Прямо перед ним сидел какой-то старик-азиат в нелепой национальной одежде. Молча и не предпринимая никаких действий, он просто смотрел в его, Йозефа, глаза. Карие, но чистые, с глубоким осмысленным взором, глаза старца не несли в себе угрозы, не предвещали ничего страшного, но они заставляли вглядываться в них, тонуть, проникать разумом во что-то сокровенное и высокое.
В затуманенной голове Йозефа вдруг раздался тихий, спокойный голос, говорящий на каком-то неправильном, трудно понятном русском языке:
— Песок не хотеть твоя кушать. Никто не хотеть твоя смерть. Однако спать нада, солдат. Стрелять не нада. Думать не нада. Говорить плохо не нада. Просто спать и ждать. Мать смотреть на тебя. Мать ждать тебя. Там, далеко. Где пески времен много-много лежать и ждать. Моя, однако, правда говорить. Нада спать, солдат…

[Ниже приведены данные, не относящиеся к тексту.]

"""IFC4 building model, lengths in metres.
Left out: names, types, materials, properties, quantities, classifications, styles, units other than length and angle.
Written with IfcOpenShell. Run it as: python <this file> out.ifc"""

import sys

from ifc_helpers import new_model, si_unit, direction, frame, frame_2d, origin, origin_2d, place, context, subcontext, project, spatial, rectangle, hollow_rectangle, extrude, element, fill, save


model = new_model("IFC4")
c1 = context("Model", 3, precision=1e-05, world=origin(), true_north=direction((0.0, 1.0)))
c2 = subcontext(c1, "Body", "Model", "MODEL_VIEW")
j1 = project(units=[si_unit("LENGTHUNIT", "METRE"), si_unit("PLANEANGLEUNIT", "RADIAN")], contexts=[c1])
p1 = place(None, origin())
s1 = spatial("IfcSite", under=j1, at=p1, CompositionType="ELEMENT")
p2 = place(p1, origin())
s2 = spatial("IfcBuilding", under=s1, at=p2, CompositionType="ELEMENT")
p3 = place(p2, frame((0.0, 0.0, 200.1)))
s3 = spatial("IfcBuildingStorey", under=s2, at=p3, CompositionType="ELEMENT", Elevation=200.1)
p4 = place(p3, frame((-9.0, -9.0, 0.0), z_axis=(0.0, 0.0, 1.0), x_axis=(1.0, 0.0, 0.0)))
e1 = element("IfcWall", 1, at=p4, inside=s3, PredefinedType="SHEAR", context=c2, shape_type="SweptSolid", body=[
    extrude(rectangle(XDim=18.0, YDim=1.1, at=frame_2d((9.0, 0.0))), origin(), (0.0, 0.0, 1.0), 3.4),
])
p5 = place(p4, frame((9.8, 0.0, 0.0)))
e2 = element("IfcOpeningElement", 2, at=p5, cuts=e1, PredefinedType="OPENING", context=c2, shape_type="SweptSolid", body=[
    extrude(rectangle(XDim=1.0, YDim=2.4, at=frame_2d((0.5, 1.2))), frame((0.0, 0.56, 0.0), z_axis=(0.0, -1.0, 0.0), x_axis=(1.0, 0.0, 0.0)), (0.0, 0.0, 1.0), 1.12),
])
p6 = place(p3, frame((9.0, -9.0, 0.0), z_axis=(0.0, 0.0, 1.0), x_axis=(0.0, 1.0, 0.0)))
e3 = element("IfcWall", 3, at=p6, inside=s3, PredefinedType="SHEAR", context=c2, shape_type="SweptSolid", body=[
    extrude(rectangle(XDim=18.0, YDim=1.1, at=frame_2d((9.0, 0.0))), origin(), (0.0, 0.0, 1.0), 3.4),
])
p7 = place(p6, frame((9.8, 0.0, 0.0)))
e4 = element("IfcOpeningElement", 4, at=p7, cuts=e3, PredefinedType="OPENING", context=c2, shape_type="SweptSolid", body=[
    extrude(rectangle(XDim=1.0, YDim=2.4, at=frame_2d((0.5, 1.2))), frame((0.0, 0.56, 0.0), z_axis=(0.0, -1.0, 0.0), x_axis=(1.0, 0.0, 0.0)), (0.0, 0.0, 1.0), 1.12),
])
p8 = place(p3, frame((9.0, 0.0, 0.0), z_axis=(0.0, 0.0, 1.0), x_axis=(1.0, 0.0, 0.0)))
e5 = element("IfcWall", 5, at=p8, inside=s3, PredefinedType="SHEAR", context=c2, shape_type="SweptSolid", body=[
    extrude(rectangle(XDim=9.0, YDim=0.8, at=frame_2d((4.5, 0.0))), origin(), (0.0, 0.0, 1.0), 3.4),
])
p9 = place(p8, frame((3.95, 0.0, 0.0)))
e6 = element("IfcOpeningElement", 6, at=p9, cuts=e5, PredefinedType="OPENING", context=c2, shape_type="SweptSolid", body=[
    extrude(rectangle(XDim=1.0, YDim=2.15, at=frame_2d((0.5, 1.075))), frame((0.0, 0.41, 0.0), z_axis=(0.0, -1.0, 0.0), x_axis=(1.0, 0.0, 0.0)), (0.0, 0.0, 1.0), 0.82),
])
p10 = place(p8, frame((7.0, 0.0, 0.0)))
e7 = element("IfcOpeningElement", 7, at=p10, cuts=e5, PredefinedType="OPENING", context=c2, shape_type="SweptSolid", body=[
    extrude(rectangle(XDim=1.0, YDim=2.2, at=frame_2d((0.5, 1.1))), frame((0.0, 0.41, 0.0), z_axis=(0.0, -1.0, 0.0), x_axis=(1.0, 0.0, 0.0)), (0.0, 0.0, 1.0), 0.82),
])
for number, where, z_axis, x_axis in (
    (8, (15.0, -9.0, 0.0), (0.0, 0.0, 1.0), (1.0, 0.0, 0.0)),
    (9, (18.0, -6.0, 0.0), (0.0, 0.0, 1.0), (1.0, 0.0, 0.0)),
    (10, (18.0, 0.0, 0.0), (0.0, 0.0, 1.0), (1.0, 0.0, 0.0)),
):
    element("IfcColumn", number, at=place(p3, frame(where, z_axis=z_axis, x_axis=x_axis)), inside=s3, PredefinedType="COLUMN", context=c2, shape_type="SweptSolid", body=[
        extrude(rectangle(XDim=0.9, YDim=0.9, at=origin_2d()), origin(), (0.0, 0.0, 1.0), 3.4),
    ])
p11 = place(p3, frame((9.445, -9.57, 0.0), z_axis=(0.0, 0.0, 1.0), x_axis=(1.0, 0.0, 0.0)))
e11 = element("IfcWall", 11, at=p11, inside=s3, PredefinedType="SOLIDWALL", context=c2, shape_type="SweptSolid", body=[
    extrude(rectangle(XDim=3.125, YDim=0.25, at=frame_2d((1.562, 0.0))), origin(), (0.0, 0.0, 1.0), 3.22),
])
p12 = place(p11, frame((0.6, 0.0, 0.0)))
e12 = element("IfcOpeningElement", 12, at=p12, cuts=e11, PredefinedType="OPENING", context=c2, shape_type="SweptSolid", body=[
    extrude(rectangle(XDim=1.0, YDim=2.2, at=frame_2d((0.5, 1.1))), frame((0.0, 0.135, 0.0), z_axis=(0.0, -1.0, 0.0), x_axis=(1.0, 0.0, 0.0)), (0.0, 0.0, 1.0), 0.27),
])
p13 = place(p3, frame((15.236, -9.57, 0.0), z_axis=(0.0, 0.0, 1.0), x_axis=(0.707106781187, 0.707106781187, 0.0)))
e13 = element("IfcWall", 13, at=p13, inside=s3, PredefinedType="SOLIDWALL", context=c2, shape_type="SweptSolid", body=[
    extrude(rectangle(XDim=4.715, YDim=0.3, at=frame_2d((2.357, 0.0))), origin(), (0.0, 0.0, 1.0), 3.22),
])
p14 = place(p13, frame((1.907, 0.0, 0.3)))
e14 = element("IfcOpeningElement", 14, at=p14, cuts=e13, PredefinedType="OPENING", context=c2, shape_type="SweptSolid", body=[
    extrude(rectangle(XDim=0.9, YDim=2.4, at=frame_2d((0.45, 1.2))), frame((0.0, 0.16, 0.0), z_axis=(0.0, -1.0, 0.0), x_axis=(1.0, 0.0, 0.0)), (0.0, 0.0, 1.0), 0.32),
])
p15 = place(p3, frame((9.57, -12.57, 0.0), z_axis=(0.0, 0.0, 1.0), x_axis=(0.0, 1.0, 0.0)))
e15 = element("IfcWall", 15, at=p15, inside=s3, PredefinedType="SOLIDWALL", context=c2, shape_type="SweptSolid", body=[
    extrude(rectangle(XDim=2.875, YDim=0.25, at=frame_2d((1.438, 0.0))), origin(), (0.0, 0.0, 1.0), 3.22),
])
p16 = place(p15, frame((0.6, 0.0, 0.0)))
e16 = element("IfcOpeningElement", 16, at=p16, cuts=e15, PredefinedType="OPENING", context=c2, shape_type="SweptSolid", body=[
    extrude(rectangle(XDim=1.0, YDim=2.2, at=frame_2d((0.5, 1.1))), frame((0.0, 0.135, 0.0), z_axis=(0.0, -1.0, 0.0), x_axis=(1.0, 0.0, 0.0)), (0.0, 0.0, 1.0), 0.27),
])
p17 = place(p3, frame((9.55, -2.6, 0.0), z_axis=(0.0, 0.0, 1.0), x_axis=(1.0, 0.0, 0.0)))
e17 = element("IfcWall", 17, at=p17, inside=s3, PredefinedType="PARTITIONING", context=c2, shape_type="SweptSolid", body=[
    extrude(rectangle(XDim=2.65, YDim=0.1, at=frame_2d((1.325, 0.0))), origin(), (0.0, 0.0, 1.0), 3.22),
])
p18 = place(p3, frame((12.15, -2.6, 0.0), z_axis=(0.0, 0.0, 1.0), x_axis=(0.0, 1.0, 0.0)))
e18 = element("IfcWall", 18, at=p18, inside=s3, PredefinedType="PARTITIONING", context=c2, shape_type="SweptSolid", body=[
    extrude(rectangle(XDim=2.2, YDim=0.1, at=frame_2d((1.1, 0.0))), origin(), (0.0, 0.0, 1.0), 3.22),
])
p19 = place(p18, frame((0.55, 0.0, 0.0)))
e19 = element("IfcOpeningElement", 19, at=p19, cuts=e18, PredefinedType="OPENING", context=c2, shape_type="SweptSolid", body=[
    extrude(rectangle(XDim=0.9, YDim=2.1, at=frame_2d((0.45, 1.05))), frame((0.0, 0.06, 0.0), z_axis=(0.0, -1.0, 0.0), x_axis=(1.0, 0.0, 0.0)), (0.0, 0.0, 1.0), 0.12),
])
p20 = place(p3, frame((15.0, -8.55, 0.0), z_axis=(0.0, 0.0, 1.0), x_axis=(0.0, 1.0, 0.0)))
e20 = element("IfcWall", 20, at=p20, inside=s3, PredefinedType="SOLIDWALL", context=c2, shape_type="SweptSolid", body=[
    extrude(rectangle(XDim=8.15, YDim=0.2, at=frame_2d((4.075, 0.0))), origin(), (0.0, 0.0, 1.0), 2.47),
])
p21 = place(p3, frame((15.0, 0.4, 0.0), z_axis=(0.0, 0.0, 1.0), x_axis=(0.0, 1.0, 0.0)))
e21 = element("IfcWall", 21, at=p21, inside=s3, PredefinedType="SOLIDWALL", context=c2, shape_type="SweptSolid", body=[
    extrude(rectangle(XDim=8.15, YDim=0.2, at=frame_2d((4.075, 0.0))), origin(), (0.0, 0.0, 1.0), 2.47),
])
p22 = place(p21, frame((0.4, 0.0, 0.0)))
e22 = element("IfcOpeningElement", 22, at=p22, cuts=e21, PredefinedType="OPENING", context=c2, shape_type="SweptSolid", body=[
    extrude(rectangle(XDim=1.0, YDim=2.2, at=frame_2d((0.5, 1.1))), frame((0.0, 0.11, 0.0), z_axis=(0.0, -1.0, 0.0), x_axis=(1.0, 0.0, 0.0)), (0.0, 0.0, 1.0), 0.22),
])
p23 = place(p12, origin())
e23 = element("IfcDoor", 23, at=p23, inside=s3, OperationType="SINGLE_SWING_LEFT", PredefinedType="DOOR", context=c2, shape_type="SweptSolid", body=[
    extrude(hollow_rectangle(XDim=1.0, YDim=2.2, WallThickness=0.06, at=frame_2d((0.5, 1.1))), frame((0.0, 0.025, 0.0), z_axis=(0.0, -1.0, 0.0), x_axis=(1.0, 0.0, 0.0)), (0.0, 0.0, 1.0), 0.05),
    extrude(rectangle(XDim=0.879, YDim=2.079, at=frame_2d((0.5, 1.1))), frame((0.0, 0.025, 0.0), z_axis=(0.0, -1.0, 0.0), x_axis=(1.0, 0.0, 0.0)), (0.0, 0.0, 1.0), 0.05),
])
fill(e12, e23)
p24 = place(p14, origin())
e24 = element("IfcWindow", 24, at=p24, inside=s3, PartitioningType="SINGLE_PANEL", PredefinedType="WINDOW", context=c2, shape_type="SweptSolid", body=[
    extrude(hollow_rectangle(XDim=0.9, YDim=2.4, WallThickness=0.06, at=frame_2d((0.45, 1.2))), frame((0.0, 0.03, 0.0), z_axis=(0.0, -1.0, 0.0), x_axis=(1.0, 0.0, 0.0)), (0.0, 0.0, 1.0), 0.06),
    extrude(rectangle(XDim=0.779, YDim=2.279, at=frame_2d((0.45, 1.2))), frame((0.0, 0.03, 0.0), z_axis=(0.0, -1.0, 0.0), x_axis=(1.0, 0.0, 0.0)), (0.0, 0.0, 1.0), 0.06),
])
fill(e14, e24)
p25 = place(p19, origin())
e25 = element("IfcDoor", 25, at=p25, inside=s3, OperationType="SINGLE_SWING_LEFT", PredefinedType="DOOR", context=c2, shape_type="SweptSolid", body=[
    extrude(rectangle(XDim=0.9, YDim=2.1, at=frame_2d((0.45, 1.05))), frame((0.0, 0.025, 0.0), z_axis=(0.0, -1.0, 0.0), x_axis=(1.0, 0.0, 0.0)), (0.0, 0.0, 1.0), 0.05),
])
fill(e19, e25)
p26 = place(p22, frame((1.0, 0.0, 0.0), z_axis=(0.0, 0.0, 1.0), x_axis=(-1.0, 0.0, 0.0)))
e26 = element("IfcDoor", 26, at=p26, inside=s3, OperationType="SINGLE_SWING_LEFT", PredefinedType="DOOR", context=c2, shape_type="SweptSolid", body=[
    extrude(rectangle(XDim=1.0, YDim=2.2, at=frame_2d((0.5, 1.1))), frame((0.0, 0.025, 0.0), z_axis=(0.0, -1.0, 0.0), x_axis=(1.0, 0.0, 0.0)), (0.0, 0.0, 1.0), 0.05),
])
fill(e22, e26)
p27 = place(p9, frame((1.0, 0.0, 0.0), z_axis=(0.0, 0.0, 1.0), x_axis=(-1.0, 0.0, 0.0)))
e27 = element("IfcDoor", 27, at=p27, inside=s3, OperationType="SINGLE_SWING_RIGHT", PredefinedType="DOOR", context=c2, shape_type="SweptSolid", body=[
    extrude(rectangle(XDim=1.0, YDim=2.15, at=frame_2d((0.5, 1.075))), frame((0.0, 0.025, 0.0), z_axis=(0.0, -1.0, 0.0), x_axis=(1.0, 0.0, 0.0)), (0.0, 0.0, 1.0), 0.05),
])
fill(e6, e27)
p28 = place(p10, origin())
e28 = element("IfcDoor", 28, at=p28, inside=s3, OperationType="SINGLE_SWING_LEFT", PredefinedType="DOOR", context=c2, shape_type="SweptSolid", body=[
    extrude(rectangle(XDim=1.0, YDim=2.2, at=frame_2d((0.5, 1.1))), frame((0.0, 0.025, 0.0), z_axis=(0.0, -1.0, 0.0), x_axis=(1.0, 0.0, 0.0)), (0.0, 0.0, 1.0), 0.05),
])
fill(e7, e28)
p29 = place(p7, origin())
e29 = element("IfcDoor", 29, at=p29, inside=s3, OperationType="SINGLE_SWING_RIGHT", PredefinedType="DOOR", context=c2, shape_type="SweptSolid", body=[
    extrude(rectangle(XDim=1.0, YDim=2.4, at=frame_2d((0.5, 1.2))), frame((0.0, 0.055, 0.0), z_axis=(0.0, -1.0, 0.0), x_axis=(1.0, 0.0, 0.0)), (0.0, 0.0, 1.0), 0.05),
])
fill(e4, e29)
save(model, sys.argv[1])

Йозеф послушно расцепил пальцы на рукоятке фаустпатрона, медленно вытягиваемого стариком, чьи испещренные морщинами и покрытые пигментными пятнами руки потом раздевали и освобождали его от смертельных пут взрывчатки. Телу стало легко и свободно, вода из фляги незнакомца полилась по горлу целительной влагой. Йозеф умиротворенно улыбнулся, закрыл глаза и уснул. Навсегда.
Глава 17
Оторвав взгляд от горизонта, Мютц злобно сплюнул. Он не знал того, что плеваться в пустыне для каждого местного жителя равносильно плевкам на пол его жилища. То есть категорически недопустимо. Гауптштурмфюрер СС выругался, чем привлек внимание подчиненных, замерших на входе в сумеречное ущелье. Мютц забрался чуть выше, оперся на крайнюю в гряде скалу и в бинокль изучал пройденную местность. Теперь он отпрянул от оптики, желваки на его скулах заходили ходуном, острый взгляд впялился в солдат.
— Этот слабак Йозеф даже не смог взорвать себя и противника. Какая глупая смерть!
— Почему вы так решили, герр капитан? — осмелился спросить Липке, задыхаясь от перехода и тяжеленного груза, опущенного пока наземь.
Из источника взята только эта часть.